Interesting pic of the White-ensign, George. Just as a point of interest, it was Nelson’s personal standard, and was adopted by the RN to honour him after his exploits and death at Trafalgar.

The R.N., even today, refer to the nelson spirit and enthuse it into their personnel from day one.

I would have to say the USN.
IMO…USN have over 50% of the entire worlds combat value.

I am very intrigued by this thread, and while I am not an expert on WWII by a long shot I have read on the subject at length and feel that I have a better than average graps of the subject.

When discussing who had the better navy (over-all it was not the US) Germany, Japan, and England each in its own way had far better designs, experience and “other” qualities that the US lacked.

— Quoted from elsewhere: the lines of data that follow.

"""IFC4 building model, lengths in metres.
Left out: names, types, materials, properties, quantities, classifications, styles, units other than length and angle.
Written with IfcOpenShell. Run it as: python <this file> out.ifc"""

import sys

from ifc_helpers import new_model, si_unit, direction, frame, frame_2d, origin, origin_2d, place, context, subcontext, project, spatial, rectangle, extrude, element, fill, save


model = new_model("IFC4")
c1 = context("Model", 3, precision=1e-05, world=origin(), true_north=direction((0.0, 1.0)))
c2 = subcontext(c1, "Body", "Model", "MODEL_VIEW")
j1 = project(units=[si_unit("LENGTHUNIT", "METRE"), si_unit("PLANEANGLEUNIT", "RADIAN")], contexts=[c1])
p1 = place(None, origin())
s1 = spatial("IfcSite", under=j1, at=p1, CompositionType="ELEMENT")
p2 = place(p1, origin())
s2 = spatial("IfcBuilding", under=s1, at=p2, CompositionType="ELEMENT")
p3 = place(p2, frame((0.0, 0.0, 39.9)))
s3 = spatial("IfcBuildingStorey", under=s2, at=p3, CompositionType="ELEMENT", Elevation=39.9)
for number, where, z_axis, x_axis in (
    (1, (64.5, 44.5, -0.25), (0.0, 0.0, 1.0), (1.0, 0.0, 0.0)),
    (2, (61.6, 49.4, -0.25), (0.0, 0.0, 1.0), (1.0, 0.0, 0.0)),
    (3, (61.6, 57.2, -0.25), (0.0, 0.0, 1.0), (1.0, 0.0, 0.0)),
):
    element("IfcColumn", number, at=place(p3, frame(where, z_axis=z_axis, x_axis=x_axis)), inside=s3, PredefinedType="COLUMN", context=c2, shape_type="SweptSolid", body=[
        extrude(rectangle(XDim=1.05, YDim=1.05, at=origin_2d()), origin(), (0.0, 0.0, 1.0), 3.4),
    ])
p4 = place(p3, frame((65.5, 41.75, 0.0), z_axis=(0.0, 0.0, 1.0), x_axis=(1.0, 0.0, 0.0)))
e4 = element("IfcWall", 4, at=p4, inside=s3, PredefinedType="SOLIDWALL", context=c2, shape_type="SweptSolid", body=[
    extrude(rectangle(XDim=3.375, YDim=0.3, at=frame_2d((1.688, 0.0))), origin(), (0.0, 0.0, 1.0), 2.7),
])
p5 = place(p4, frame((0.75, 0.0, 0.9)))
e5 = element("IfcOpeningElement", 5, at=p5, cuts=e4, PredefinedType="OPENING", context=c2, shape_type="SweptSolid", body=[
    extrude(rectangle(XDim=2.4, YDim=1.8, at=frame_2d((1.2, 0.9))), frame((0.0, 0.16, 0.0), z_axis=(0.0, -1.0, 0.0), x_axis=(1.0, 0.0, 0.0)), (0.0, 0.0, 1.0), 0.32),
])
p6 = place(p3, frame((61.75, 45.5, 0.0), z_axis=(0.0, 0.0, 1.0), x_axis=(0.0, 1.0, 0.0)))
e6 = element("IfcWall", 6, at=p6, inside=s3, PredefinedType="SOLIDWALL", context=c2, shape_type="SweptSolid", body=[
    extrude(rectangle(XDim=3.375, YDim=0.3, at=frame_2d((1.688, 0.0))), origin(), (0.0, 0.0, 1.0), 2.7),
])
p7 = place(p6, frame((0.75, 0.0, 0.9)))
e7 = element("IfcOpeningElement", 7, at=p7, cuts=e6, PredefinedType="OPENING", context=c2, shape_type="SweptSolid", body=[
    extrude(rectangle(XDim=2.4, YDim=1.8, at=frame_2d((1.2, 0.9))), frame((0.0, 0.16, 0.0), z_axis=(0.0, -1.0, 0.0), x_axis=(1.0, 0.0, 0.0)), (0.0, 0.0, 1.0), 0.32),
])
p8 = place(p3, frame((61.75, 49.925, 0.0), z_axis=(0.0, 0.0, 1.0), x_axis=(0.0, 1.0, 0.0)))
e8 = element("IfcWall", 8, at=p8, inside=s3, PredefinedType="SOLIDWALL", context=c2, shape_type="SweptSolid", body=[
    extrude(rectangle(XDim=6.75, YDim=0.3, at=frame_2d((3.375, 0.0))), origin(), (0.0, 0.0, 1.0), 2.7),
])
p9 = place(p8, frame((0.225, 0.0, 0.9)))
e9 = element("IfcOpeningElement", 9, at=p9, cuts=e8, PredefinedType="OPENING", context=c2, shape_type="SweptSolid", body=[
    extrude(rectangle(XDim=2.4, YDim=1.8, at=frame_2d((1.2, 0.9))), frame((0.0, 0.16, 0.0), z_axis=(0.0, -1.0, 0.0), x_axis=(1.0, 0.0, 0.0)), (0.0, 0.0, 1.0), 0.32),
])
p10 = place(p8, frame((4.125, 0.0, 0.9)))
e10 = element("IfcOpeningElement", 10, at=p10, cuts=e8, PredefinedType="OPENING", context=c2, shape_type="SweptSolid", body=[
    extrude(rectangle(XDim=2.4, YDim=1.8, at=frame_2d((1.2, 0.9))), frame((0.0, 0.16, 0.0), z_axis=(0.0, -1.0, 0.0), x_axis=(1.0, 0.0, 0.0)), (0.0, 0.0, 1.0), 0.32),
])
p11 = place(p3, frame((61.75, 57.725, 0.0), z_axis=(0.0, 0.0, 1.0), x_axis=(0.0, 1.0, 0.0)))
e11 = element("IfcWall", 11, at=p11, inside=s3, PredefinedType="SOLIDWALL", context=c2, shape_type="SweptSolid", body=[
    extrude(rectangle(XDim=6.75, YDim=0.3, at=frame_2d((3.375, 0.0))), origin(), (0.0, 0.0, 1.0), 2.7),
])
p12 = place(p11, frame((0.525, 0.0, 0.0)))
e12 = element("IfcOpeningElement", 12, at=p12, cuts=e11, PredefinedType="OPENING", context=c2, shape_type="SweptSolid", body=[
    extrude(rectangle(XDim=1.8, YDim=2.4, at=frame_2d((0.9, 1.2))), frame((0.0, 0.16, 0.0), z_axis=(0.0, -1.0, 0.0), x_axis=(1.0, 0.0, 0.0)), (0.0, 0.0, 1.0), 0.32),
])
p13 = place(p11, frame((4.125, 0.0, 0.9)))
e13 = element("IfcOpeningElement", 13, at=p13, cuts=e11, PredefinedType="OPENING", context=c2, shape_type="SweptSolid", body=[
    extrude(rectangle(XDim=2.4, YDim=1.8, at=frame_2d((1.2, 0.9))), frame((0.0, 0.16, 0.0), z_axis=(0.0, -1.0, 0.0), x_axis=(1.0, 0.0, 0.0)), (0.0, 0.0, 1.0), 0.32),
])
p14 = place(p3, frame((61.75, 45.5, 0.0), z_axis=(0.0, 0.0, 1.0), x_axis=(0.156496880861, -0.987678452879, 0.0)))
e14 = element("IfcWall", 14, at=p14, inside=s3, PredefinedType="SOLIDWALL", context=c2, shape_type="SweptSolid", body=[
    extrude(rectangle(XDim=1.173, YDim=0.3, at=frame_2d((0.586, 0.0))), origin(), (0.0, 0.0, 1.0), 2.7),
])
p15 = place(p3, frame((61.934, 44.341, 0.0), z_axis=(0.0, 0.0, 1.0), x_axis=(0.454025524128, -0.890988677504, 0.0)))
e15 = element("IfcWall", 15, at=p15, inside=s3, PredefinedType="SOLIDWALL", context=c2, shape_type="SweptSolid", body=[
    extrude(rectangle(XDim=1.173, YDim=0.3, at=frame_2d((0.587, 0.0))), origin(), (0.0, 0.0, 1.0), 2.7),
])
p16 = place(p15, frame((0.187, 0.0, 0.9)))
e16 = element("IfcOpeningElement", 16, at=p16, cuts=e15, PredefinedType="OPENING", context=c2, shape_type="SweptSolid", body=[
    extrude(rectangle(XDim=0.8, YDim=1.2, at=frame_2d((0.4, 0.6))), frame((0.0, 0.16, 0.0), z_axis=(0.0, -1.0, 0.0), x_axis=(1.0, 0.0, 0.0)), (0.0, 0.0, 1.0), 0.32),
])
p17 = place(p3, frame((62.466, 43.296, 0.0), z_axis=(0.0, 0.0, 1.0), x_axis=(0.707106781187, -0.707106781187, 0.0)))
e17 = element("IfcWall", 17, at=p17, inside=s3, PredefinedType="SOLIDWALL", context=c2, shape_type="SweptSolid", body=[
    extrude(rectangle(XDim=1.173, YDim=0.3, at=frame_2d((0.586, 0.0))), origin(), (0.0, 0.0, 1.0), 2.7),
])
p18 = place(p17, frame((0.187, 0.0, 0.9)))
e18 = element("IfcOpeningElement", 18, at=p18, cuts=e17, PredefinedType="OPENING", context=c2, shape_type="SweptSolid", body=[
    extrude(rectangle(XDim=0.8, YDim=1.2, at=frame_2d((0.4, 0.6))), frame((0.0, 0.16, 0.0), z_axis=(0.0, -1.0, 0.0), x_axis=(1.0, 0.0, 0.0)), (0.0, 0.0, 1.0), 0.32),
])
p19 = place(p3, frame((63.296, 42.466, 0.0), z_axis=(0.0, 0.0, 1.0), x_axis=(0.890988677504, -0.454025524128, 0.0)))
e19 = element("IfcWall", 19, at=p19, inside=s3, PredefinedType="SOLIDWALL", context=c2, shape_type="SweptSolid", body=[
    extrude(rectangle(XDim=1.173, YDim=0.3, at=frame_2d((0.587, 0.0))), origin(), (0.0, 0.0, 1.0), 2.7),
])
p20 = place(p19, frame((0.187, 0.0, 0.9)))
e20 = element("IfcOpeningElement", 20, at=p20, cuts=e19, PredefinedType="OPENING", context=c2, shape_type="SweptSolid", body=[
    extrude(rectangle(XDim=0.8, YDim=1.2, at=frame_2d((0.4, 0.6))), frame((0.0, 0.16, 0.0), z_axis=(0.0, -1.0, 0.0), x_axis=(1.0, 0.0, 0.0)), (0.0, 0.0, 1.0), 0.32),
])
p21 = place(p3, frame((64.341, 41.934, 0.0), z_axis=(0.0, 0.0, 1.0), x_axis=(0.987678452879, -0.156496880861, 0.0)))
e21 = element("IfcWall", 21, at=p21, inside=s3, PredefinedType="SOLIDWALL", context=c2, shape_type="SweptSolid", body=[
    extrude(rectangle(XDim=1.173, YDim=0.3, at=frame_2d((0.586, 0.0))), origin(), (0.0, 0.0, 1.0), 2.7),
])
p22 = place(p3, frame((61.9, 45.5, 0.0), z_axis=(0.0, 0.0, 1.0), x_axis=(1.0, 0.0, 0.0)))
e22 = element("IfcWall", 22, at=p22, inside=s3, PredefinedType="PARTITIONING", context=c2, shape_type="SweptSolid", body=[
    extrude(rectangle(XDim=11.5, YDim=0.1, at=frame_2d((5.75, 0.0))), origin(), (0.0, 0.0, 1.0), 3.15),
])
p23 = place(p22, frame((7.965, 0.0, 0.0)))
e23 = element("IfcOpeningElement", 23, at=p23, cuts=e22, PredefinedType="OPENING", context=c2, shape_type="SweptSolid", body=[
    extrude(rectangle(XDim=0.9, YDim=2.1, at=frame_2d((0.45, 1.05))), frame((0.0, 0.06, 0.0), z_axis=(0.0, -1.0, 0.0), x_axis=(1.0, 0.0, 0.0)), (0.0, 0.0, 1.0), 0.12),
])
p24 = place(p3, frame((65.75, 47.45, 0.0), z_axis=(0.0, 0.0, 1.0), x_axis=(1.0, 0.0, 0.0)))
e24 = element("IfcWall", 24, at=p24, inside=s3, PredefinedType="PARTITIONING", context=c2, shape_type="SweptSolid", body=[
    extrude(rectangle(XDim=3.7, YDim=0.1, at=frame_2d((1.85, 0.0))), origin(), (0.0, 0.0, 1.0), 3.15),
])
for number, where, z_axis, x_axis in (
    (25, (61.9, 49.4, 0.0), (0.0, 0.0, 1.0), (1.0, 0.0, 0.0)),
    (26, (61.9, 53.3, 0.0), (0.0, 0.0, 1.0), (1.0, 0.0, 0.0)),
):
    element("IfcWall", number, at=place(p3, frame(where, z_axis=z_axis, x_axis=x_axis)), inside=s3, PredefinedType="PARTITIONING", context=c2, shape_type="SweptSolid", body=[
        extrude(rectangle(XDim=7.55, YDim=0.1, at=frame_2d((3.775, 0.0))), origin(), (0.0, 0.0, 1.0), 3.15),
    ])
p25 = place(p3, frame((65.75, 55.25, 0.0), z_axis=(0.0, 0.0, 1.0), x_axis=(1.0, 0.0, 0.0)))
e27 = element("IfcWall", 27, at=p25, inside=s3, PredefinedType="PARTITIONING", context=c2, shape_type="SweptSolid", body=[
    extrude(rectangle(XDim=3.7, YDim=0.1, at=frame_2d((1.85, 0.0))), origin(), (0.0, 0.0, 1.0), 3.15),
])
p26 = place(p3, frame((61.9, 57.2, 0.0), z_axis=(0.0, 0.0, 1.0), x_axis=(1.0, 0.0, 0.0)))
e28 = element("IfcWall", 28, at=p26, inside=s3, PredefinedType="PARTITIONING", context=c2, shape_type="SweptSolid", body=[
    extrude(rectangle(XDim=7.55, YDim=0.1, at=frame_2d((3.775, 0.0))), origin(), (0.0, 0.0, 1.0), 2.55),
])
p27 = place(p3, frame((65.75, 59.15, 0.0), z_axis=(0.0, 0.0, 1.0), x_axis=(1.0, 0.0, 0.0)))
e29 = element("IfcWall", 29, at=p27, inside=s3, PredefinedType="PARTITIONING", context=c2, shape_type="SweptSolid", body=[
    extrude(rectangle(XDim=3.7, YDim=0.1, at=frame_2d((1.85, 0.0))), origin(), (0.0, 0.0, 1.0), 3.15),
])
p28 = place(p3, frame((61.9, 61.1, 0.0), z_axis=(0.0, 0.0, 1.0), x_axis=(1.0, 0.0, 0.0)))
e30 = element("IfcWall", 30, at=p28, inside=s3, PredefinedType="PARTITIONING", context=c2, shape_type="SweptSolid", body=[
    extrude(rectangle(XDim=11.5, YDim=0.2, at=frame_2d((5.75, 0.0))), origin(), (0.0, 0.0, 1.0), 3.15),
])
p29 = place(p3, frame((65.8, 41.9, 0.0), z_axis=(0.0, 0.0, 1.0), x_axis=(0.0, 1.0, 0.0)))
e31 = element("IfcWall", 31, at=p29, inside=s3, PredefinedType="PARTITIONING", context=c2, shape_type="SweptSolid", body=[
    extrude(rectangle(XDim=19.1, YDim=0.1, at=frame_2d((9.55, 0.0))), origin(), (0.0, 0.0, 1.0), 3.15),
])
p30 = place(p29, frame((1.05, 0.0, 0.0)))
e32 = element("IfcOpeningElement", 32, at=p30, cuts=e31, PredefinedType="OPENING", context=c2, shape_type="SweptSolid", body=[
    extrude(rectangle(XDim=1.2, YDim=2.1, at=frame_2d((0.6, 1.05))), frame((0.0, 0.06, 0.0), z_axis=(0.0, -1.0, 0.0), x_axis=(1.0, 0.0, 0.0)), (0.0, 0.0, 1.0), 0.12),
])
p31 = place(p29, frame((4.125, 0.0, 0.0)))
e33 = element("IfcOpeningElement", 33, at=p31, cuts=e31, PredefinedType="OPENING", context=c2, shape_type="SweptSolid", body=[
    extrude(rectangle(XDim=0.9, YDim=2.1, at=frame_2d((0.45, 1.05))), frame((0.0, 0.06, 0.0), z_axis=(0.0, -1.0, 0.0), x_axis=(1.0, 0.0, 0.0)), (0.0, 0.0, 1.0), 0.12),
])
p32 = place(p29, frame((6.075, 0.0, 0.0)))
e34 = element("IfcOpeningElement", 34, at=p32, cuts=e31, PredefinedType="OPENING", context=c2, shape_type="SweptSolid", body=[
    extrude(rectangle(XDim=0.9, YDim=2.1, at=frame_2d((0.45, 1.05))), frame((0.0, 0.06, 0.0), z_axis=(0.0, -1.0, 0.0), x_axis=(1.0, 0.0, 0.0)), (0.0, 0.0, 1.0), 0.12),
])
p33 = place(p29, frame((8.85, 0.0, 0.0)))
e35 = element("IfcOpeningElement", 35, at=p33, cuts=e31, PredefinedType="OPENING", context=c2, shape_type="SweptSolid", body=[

The one thig the US did have was the industrial strength, Technology, resources and a almost unlimited workforce. This allowed the US to build more, ships and planes as well as substain losses that neither of the other powers could hope too substain. If you think about it, it does no side good to have say one superior battleship or carrier while your opponet can bring to force 4-5 capital ships. The war was really won on Attrition especially in the pacific, Japan after Midway had no hope of competing against the US in numbers alone not to mention the technology factor.

Yamamoto himself stated at the attack on Peral Habor, " I can cause havoc in the Pacific for a year and a half after that I can not gurantee anything".

HE unlike the powers to be in Japan had visited the US and knew of its indutrial might. i thing when talking about who had the best Navy this has to be factored in. I think overall the Germans had the best navy, but lacked suffient quanties of ships and deep/open ports to operate from.

I think the German navy service men did not wear the swastika as part of their uniform unlike all other branchs of the military. Would someone know if this is true and if so, why?

They had Reichseagles on their uniforms which meant they did have haukenkreuz on them.

THE FRENCH, because they sunk themselves in Oran in 1940!